Congressman Bruce Westerman Speaks In Support of Proposed FY2016 House Budget
Congressman Bruce Westerman (R-Hot Springs) spoke Tuesday (March 24) on the floor of the U.S. House of Representatives in support of the proposed FY2016 House Budget. His full remarks are below:
Thank you, Mr. Speaker. Thank you, Mr. Chairman for your leadership.
Americans know this country was built on a strong work ethic. This budget provides a framework to create projects for able-bodied, working age adults receiving federal benefit.
Some may ask, why work requirements? In 1996, President Clinton – a fellow Arkansan from my hometown of Hot Springs but from across the aisle – said, “Today we are taking a historic chance to make welfare what it is meant to be – a second chance, not a way of life.”
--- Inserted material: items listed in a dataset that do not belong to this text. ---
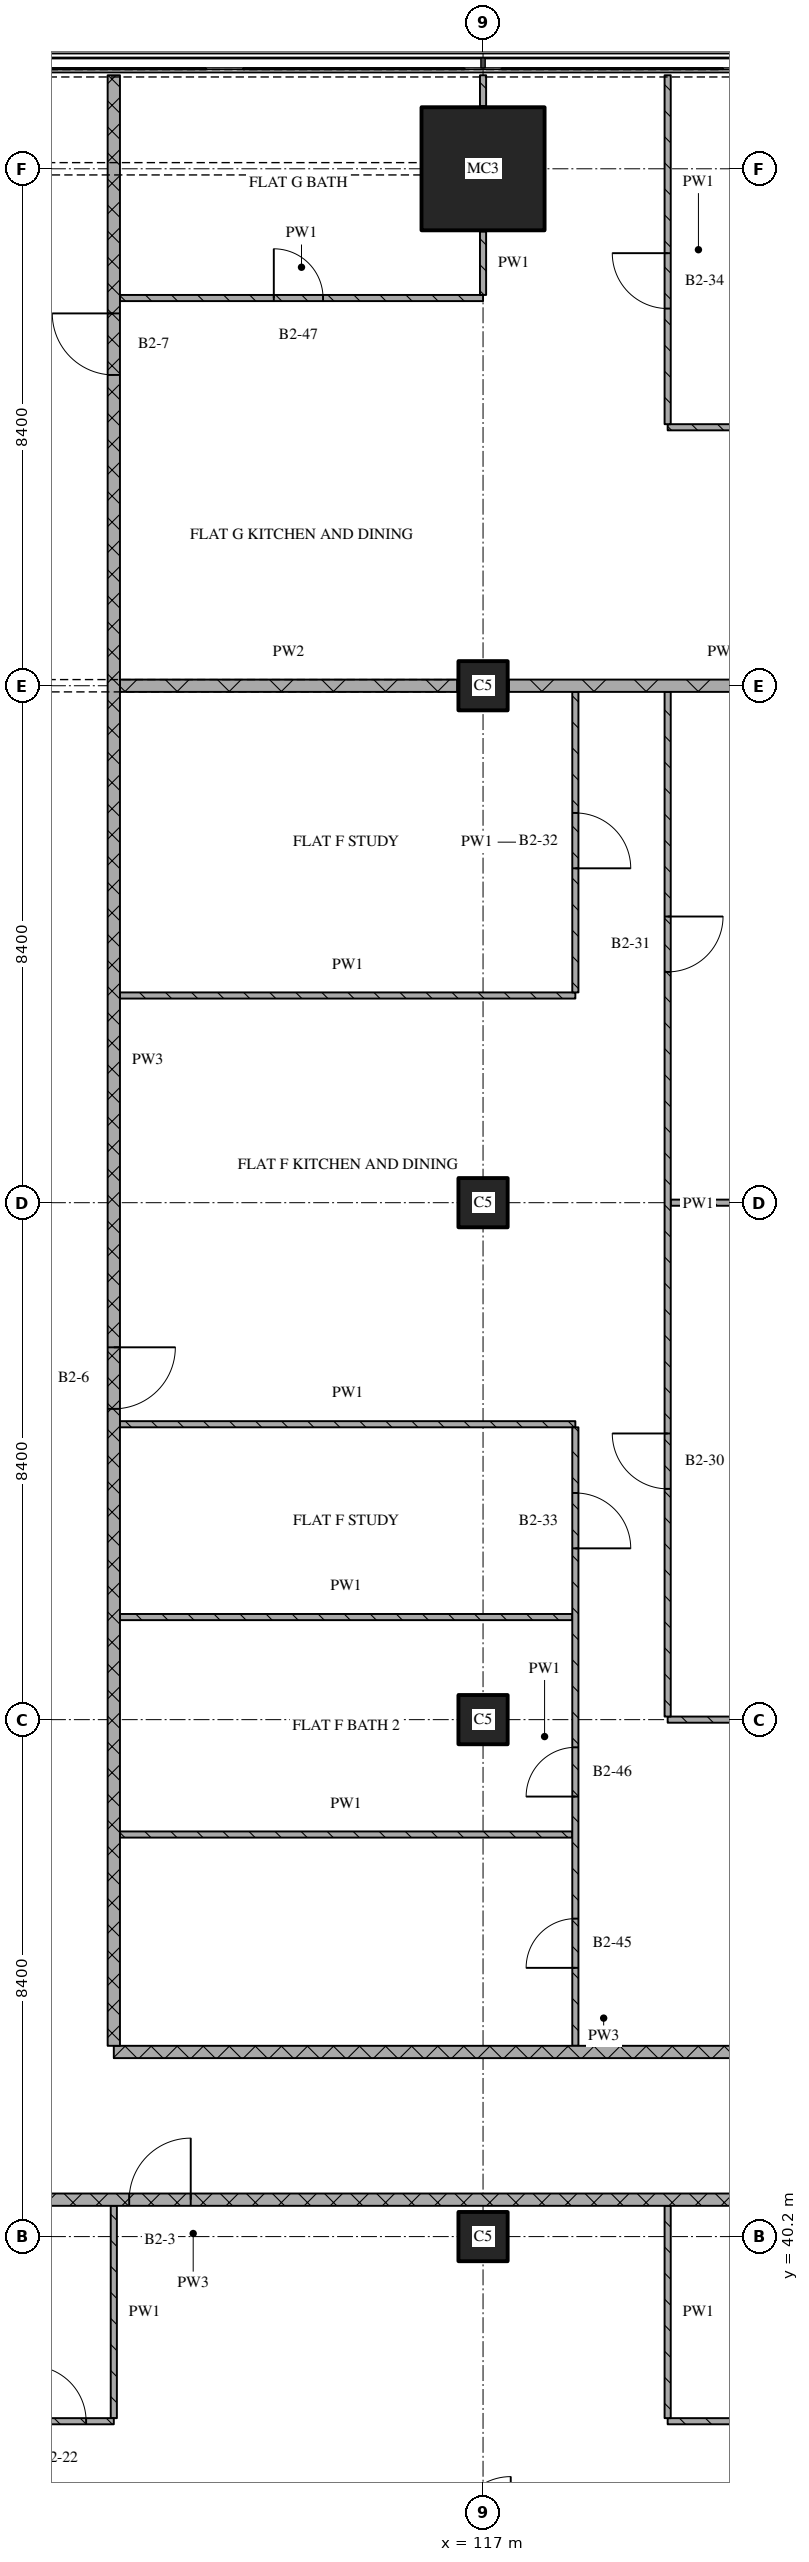
"""IFC4 building model, lengths in metres.
Left out: names, types, materials, properties, quantities, classifications, styles, units other than length and angle.
Written with IfcOpenShell. Run it as: python <this file> out.ifc"""

import sys

from ifc_helpers import new_model, si_unit, direction, frame, frame_2d, origin, origin_2d, place, context, subcontext, project, spatial, rectangle, extrude, element, fill, save


model = new_model("IFC4")
c1 = context("Model", 3, precision=1e-05, world=origin(), true_north=direction((0.0, 1.0)))
c2 = subcontext(c1, "Body", "Model", "MODEL_VIEW")
j1 = project(units=[si_unit("LENGTHUNIT", "METRE"), si_unit("PLANEANGLEUNIT", "RADIAN")], contexts=[c1])
p1 = place(None, origin())
s1 = spatial("IfcSite", under=j1, at=p1, CompositionType="ELEMENT")
p2 = place(p1, origin())
s2 = spatial("IfcBuilding", under=s1, at=p2, CompositionType="ELEMENT")
p3 = place(p2, frame((0.0, 0.0, 109.65)))
s3 = spatial("IfcBuildingStorey", under=s2, at=p3, CompositionType="ELEMENT", Elevation=109.65)
for number, where, z_axis, x_axis in (
    (1, (117.0, 40.2, 0.0), (0.0, 0.0, 1.0), (1.0, 0.0, 0.0)),
    (2, (117.0, 48.6, 0.0), (0.0, 0.0, 1.0), (1.0, 0.0, 0.0)),
    (3, (117.0, 57.0, 0.0), (0.0, 0.0, 1.0), (1.0, 0.0, 0.0)),
    (4, (117.0, 65.4, 0.0), (0.0, 0.0, 1.0), (1.0, 0.0, 0.0)),
):
    element("IfcColumn", number, at=place(p3, frame(where, z_axis=z_axis, x_axis=x_axis)), inside=s3, PredefinedType="COLUMN", context=c2, shape_type="SweptSolid", body=[
        extrude(rectangle(XDim=0.8, YDim=0.8, at=origin_2d()), origin(), (0.0, 0.0, 1.0), 3.6),
    ])
p4 = place(p3, frame((117.0, 73.8, 0.0), z_axis=(0.0, 0.0, 1.0), x_axis=(1.0, 0.0, 0.0)))
e5 = element("IfcColumn", 5, at=p4, inside=s3, PredefinedType="COLUMN", context=c2, shape_type="SweptSolid", body=[
    extrude(rectangle(XDim=2.0, YDim=2.0, at=origin_2d()), origin(), (0.0, 0.0, 1.0), 3.6),
])
p5 = place(p3, frame((120.0, 37.2, 0.0), z_axis=(0.0, 0.0, 1.0), x_axis=(1.0, 0.0, 0.0)))
e6 = element("IfcWall", 6, at=p5, inside=s3, PredefinedType="PARTITIONING", context=c2, shape_type="SweptSolid", body=[
    extrude(rectangle(XDim=6.92, YDim=0.1, at=frame_2d((3.46, 0.0))), origin(), (0.0, 0.0, 1.0), 3.32),
])
p6 = place(p5, frame((3.15, 0.0, 0.0)))
e7 = element("IfcOpeningElement", 7, at=p6, cuts=e6, PredefinedType="OPENING", context=c2, shape_type="SweptSolid", body=[
    extrude(rectangle(XDim=0.9, YDim=2.1, at=frame_2d((0.45, 1.05))), frame((0.0, 0.06, 0.0), z_axis=(0.0, -1.0, 0.0), x_axis=(1.0, 0.0, 0.0)), (0.0, 0.0, 1.0), 0.12),
])
p7 = place(p3, frame((124.38, 40.8, 0.0), z_axis=(0.0, 0.0, 1.0), x_axis=(-1.0, 0.0, 0.0)))
e8 = element("IfcWall", 8, at=p7, inside=s3, PredefinedType="PARTITIONING", context=c2, shape_type="SweptSolid", body=[
    extrude(rectangle(XDim=24.18, YDim=0.2, at=frame_2d((12.09, 0.0))), origin(), (0.0, 0.0, 1.0), 3.32),
])
p8 = place(p7, frame((12.13, 0.0, 0.0)))
e9 = element("IfcOpeningElement", 9, at=p8, cuts=e8, PredefinedType="OPENING", context=c2, shape_type="SweptSolid", body=[
    extrude(rectangle(XDim=1.0, YDim=2.1, at=frame_2d((0.5, 1.05))), frame((0.0, 0.11, 0.0), z_axis=(0.0, -1.0, 0.0), x_axis=(1.0, 0.0, 0.0)), (0.0, 0.0, 1.0), 0.22),
])
p9 = place(p3, frame((111.0, 43.2, 0.0), z_axis=(0.0, 0.0, 1.0), x_axis=(1.0, 0.0, 0.0)))
e10 = element("IfcWall", 10, at=p9, inside=s3, PredefinedType="PARTITIONING", context=c2, shape_type="SweptSolid", body=[
    extrude(rectangle(XDim=15.92, YDim=0.2, at=frame_2d((7.96, 0.0))), origin(), (0.0, 0.0, 1.0), 3.32),
])
p10 = place(p3, frame((111.1, 46.733, 0.0), z_axis=(0.0, 0.0, 1.0), x_axis=(1.0, 0.0, 0.0)))
e11 = element("IfcWall", 11, at=p10, inside=s3, PredefinedType="PARTITIONING", context=c2, shape_type="SweptSolid", body=[
    extrude(rectangle(XDim=7.35, YDim=0.1, at=frame_2d((3.675, 0.0))), origin(), (0.0, 0.0, 1.0), 3.32),
])
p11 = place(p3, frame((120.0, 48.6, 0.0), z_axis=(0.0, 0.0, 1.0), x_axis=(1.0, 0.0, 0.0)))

The goal of work force requirements on able-bodied, working age adults is to give Americans a hand up, not a hand out. Mr. Speaker, we should be concerned about the negative effects these federal benefit programs are having on our American work ethic when we review the maximum an individual can earn and still receive government assistance under some programs, which according to the U.S. department of Health and Human Services, is only $1,000. The CATO Institute reports that in 39 states, individuals can make more on government assistance than by working an $8 per hour job. In six states, government benefits pay more than a $12 per hour job. In eight states, government assistance pays more than the average salary of an American teacher.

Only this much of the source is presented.